Ich bin als Beamter in einer Behörde (Bayern) tätig. Es gilt jedoch das Bundesrecht, da die Behörde deutschlandweit tätig ist.
Die aktuelle Eingruppierung ist: gehobener Dienst A10 Bund. Ich bin seit 9 Jahren tätig und übe zu
etwa 25% Tätigkeiten des höheren Dienstes aus.

Nebenberuflich habe ich in diesen Jahr ein Masterstudium (M.Eng.) absolviert.
Gern würde ich mich auf eine Stelle im höheren Dienst bewerben. 

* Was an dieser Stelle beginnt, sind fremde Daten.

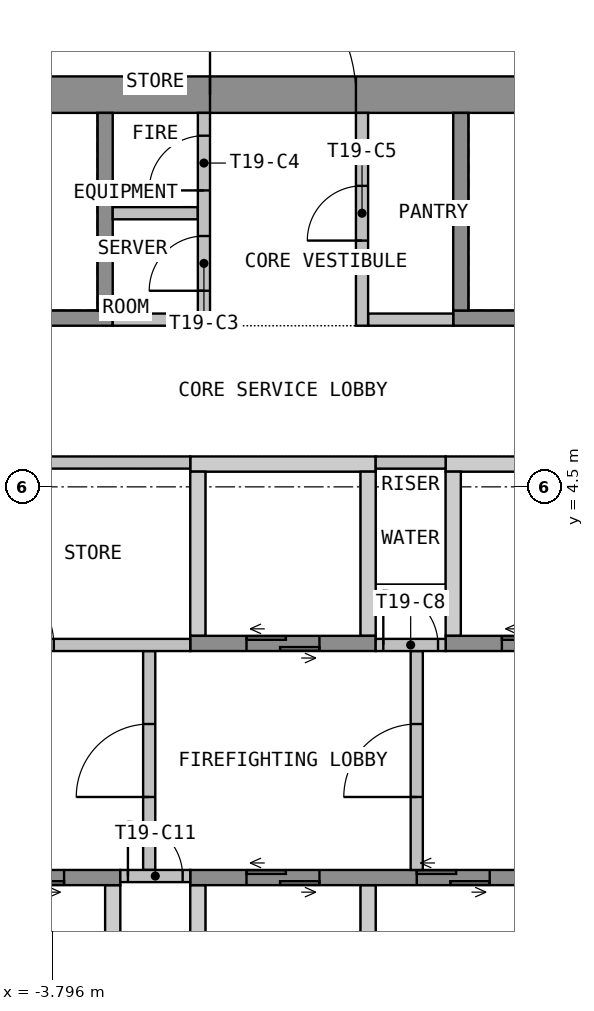
"""IFC4 building model, lengths in metres.
Left out: names, types, materials, properties, quantities, classifications, styles, units other than length and angle.
Written with IfcOpenShell. Run it as: python <this file> out.ifc"""

import sys

from ifc_helpers import new_model, si_unit, direction, frame, frame_2d, origin, place, context, subcontext, project, spatial, polyline, rectangle, outline, extrude, element, fill, save


model = new_model("IFC4")
c1 = context("Model", 3, precision=1e-05, world=origin(), true_north=direction((0.0, 1.0)))
c2 = subcontext(c1, "Body", "Model", "MODEL_VIEW")
j1 = project(units=[si_unit("LENGTHUNIT", "METRE"), si_unit("PLANEANGLEUNIT", "RADIAN")], contexts=[c1])
p1 = place(None, origin())
s1 = spatial("IfcSite", under=j1, at=p1, CompositionType="ELEMENT")
p2 = place(p1, origin())
s2 = spatial("IfcBuilding", under=s1, at=p2, CompositionType="ELEMENT")
p3 = place(p2, frame((0.0, 0.0, 258.6)))
s3 = spatial("IfcBuildingStorey", under=s2, at=p3, CompositionType="ELEMENT", Elevation=258.6)
p4 = place(p3, frame((-13.5, 10.95, 0.0), z_axis=(0.0, 0.0, 1.0), x_axis=(1.0, 0.0, 0.0)))
e1 = element("IfcWall", 1, at=p4, inside=s3, PredefinedType="SHEAR", context=c2, shape_type="SweptSolid", body=[
    extrude(rectangle(XDim=27.0, YDim=0.6, at=frame_2d((13.5, 0.0))), origin(), (0.0, 0.0, 1.0), 3.575),
])
p5 = place(p4, frame((12.3, 0.0, 0.0)))
e2 = element("IfcOpeningElement", 2, at=p5, cuts=e1, PredefinedType="OPENING", context=c2, shape_type="SweptSolid", body=[
    extrude(rectangle(XDim=2.4, YDim=2.1, at=frame_2d((1.2, 1.05))), frame((0.0, 0.31, 0.0), z_axis=(0.0, -1.0, 0.0), x_axis=(1.0, 0.0, 0.0)), (0.0, 0.0, 1.0), 0.62),
])
p6 = place(p4, frame((1.05, 0.0, 0.0)))
e3 = element("IfcOpeningElement", 3, at=p6, cuts=e1, PredefinedType="OPENING", context=c2, shape_type="SweptSolid", body=[
    extrude(rectangle(XDim=1.2, YDim=2.1, at=frame_2d((0.6, 1.05))), frame((0.0, 0.31, 0.0), z_axis=(0.0, -1.0, 0.0), x_axis=(1.0, 0.0, 0.0)), (0.0, 0.0, 1.0), 0.62),
])
p7 = place(p4, frame((24.75, 0.0, 0.0)))
e4 = element("IfcOpeningElement", 4, at=p7, cuts=e1, PredefinedType="OPENING", context=c2, shape_type="SweptSolid", body=[
    extrude(rectangle(XDim=1.2, YDim=2.1, at=frame_2d((0.6, 1.05))), frame((0.0, 0.31, 0.0), z_axis=(0.0, -1.0, 0.0), x_axis=(1.0, 0.0, 0.0)), (0.0, 0.0, 1.0), 0.62),
])
p8 = place(p3, origin())
e5 = element("IfcWall", 5, at=p8, inside=s3, PredefinedType="SHEAR", context=c2, shape_type="SweptSolid", body=[
    extrude(outline(polyline([(-1.525, 4.75), (1.525, 4.75), (1.525, 5.0), (-1.525, 5.0), (-1.525, 4.75)])), origin(), (0.0, 0.0, 1.0), 3.575),
])
p9 = place(p3, origin())
e6 = element("IfcWall", 6, at=p9, inside=s3, PredefinedType="SHEAR", context=c2, shape_type="SweptSolid", body=[
    extrude(outline(polyline([(2.675, 4.75), (8.525, 4.75), (8.525, 5.0), (2.675, 5.0), (2.675, 4.75)])), origin(), (0.0, 0.0, 1.0), 3.575),
])
p10 = place(p3, origin())
e7 = element("IfcWall", 7, at=p10, inside=s3, PredefinedType="SHEAR", context=c2, shape_type="SweptSolid", body=[
    extrude(outline(polyline([(-1.525, 2.05), (-1.275, 2.05), (-1.275, 4.75), (-1.525, 4.75), (-1.525, 2.05)])), origin(), (0.0, 0.0, 1.0), 3.575),
])
p11 = place(p3, origin())
e8 = element("IfcWall", 8, at=p11, inside=s3, PredefinedType="SHEAR", context=c2, shape_type="SweptSolid", body=[
    extrude(outline(polyline([(1.275, 2.05), (1.525, 2.05), (1.525, 4.75), (1.275, 4.75), (1.275, 2.05)])), origin(), (0.0, 0.0, 1.0), 3.575),
])
p12 = place(p3, origin())
e9 = element("IfcWall", 9, at=p12, inside=s3, PredefinedType="SHEAR", context=c2, shape_type="SweptSolid", body=[
    extrude(outline(polyline([(2.675, 2.05), (2.925, 2.05), (2.925, 4.75), (2.675, 4.75), (2.675, 2.05)])), origin(), (0.0, 0.0, 1.0), 3.575),
])
p13 = place(p3, frame((-1.525, 1.925, 0.0), z_axis=(0.0, 0.0, 1.0), x_axis=(1.0, 0.0, 0.0)))
e10 = element("IfcWall", 10, at=p13, inside=s3, PredefinedType="SHEAR", context=c2, shape_type="SweptSolid", body=[
    extrude(rectangle(XDim=3.05, YDim=0.25, at=frame_2d((1.525, 0.0))), origin(), (0.0, 0.0, 1.0), 3.575),
])
p14 = place(p13, frame((0.925, 0.0, 0.0)))
e11 = element("IfcOpeningElement", 11, at=p14, cuts=e10, PredefinedType="OPENING", context=c2, shape_type="SweptSolid", body=[
    extrude(rectangle(XDim=1.2, YDim=2.1, at=frame_2d((0.6, 1.05))), frame((0.0, 0.135, 0.0), z_axis=(0.0, -1.0, 0.0), x_axis=(1.0, 0.0, 0.0)), (0.0, 0.0, 1.0), 0.27),
])
p15 = place(p3, frame((2.675, 1.925, 0.0), z_axis=(0.0, 0.0, 1.0), x_axis=(1.0, 0.0, 0.0)))
e12 = element("IfcWall", 12, at=p15, inside=s3, PredefinedType="SHEAR", context=c2, shape_type="SweptSolid", body=[
    extrude(rectangle(XDim=5.85, YDim=0.25, at=frame_2d((2.925, 0.0))), origin(), (0.0, 0.0, 1.0), 3.575),
])
p16 = place(p15, frame((0.925, 0.0, 0.0)))
e13 = element("IfcOpeningElement", 13, at=p16, cuts=e12, PredefinedType="OPENING", context=c2, shape_type="SweptSolid", body=[
    extrude(rectangle(XDim=1.2, YDim=2.1, at=frame_2d((0.6, 1.05))), frame((0.0, 0.135, 0.0), z_axis=(0.0, -1.0, 0.0), x_axis=(1.0, 0.0, 0.0)), (0.0, 0.0, 1.0), 0.27),
])
p17 = place(p15, frame((3.725, 0.0, 0.0)))
e14 = element("IfcOpeningElement", 14, at=p17, cuts=e12, PredefinedType="OPENING", context=c2, shape_type="SweptSolid", body=[
    extrude(rectangle(XDim=1.2, YDim=2.1, at=frame_2d((0.6, 1.05))), frame((0.0, 0.135, 0.0), z_axis=(0.0, -1.0, 0.0), x_axis=(1.0, 0.0, 0.0)), (0.0, 0.0, 1.0), 0.27),
])
p18 = place(p3, origin())
e15 = element("IfcWall", 15, at=p18, inside=s3, PredefinedType="SHEAR", context=c2, shape_type="SweptSolid", body=[
    extrude(outline(polyline([(-2.925, -4.75), (-2.675, -4.75), (-2.675, -2.05), (-2.925, -2.05), (-2.925, -4.75)])), origin(), (0.0, 0.0, 1.0), 3.575),
])
p19 = place(p3, origin())
e16 = element("IfcWall", 16, at=p19, inside=s3, PredefinedType="SHEAR", context=c2, shape_type="SweptSolid", body=[
    extrude(outline(polyline([(-1.525, -4.75), (-1.275, -4.75), (-1.275, -2.05), (-1.525, -2.05), (-1.525, -4.75)])), origin(), (0.0, 0.0, 1.0), 3.575),
])
p20 = place(p3, origin())
e17 = element("IfcWall", 17, at=p20, inside=s3, PredefinedType="SHEAR", context=c2, shape_type="SweptSolid", body=[
    extrude(outline(polyline([(1.275, -4.75), (1.525, -4.75), (1.525, -2.05), (1.275, -2.05), (1.275, -4.75)])), origin(), (0.0, 0.0, 1.0), 3.575),
])
p21 = place(p3, frame((-11.325, -1.925, 0.0), z_axis=(0.0, 0.0, 1.0), x_axis=(1.0, 0.0, 0.0)))
e18 = element("IfcWall", 18, at=p21, inside=s3, PredefinedType="SHEAR", context=c2, shape_type="SweptSolid", body=[
    extrude(rectangle(XDim=8.65, YDim=0.25, at=frame_2d((4.325, 0.0))), origin(), (0.0, 0.0, 1.0), 3.575),
])
p22 = place(p21, frame((0.925, 0.0, 0.0)))
e19 = element("IfcOpeningElement", 19, at=p22, cuts=e18, PredefinedType="OPENING", context=c2, shape_type="SweptSolid", body=[
    extrude(rectangle(XDim=1.2, YDim=2.1, at=frame_2d((0.6, 1.05))), frame((0.0, 0.135, 0.0), z_axis=(0.0, -1.0, 0.0), x_axis=(1.0, 0.0, 0.0)), (0.0, 0.0, 1.0), 0.27),
])
p23 = place(p21, frame((3.725, 0.0, 0.0)))
e20 = element("IfcOpeningElement", 20, at=p23, cuts=e18, PredefinedType="OPENING", context=c2, shape_type="SweptSolid", body=[
    extrude(rectangle(XDim=1.2, YDim=2.1, at=frame_2d((0.6, 1.05))), frame((0.0, 0.135, 0.0), z_axis=(0.0, -1.0, 0.0), x_axis=(1.0, 0.0, 0.0)), (0.0, 0.0, 1.0), 0.27),
])
p24 = place(p21, frame((6.525, 0.0, 0.0)))
e21 = element("IfcOpeningElement", 21, at=p24, cuts=e18, PredefinedType="OPENING", context=c2, shape_type="SweptSolid", body=[
    extrude(rectangle(XDim=1.2, YDim=2.1, at=frame_2d((0.6, 1.05))), frame((0.0, 0.135, 0.0), z_axis=(0.0, -1.0, 0.0), x_axis=(1.0, 0.0, 0.0)), (0.0, 0.0, 1.0), 0.27),
])
p25 = place(p3, frame((-1.525, -1.925, 0.0), z_axis=(0.0, 0.0, 1.0), x_axis=(1.0, 0.0, 0.0)))
e22 = element("IfcWall", 22, at=p25, inside=s3, PredefinedType="SHEAR", context=c2, shape_type="SweptSolid", body=[
    extrude(rectangle(XDim=5.85, YDim=0.25, at=frame_2d((2.925, 0.0))), origin(), (0.0, 0.0, 1.0), 3.575),
])
p26 = place(p25, frame((0.925, 0.0, 0.0)))
e23 = element("IfcOpeningElement", 23, at=p26, cuts=e22, PredefinedType="OPENING", context=c2, shape_type="SweptSolid", body=[
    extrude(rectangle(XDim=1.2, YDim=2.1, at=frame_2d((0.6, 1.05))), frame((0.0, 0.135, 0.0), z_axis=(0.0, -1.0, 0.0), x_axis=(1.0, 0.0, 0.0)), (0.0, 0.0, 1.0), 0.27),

Derzeit sind auch zwei Stellen im höheren Dienst ausgeschrieben. Das Anforderungprofil
der Stellenausschreibungen passt völlig auf meine Qualifikation - allerdings mit einer Ausnahme:
es wird in der Ausschreibung eine zweijährige einschlägige Berufserfahrung gefordert.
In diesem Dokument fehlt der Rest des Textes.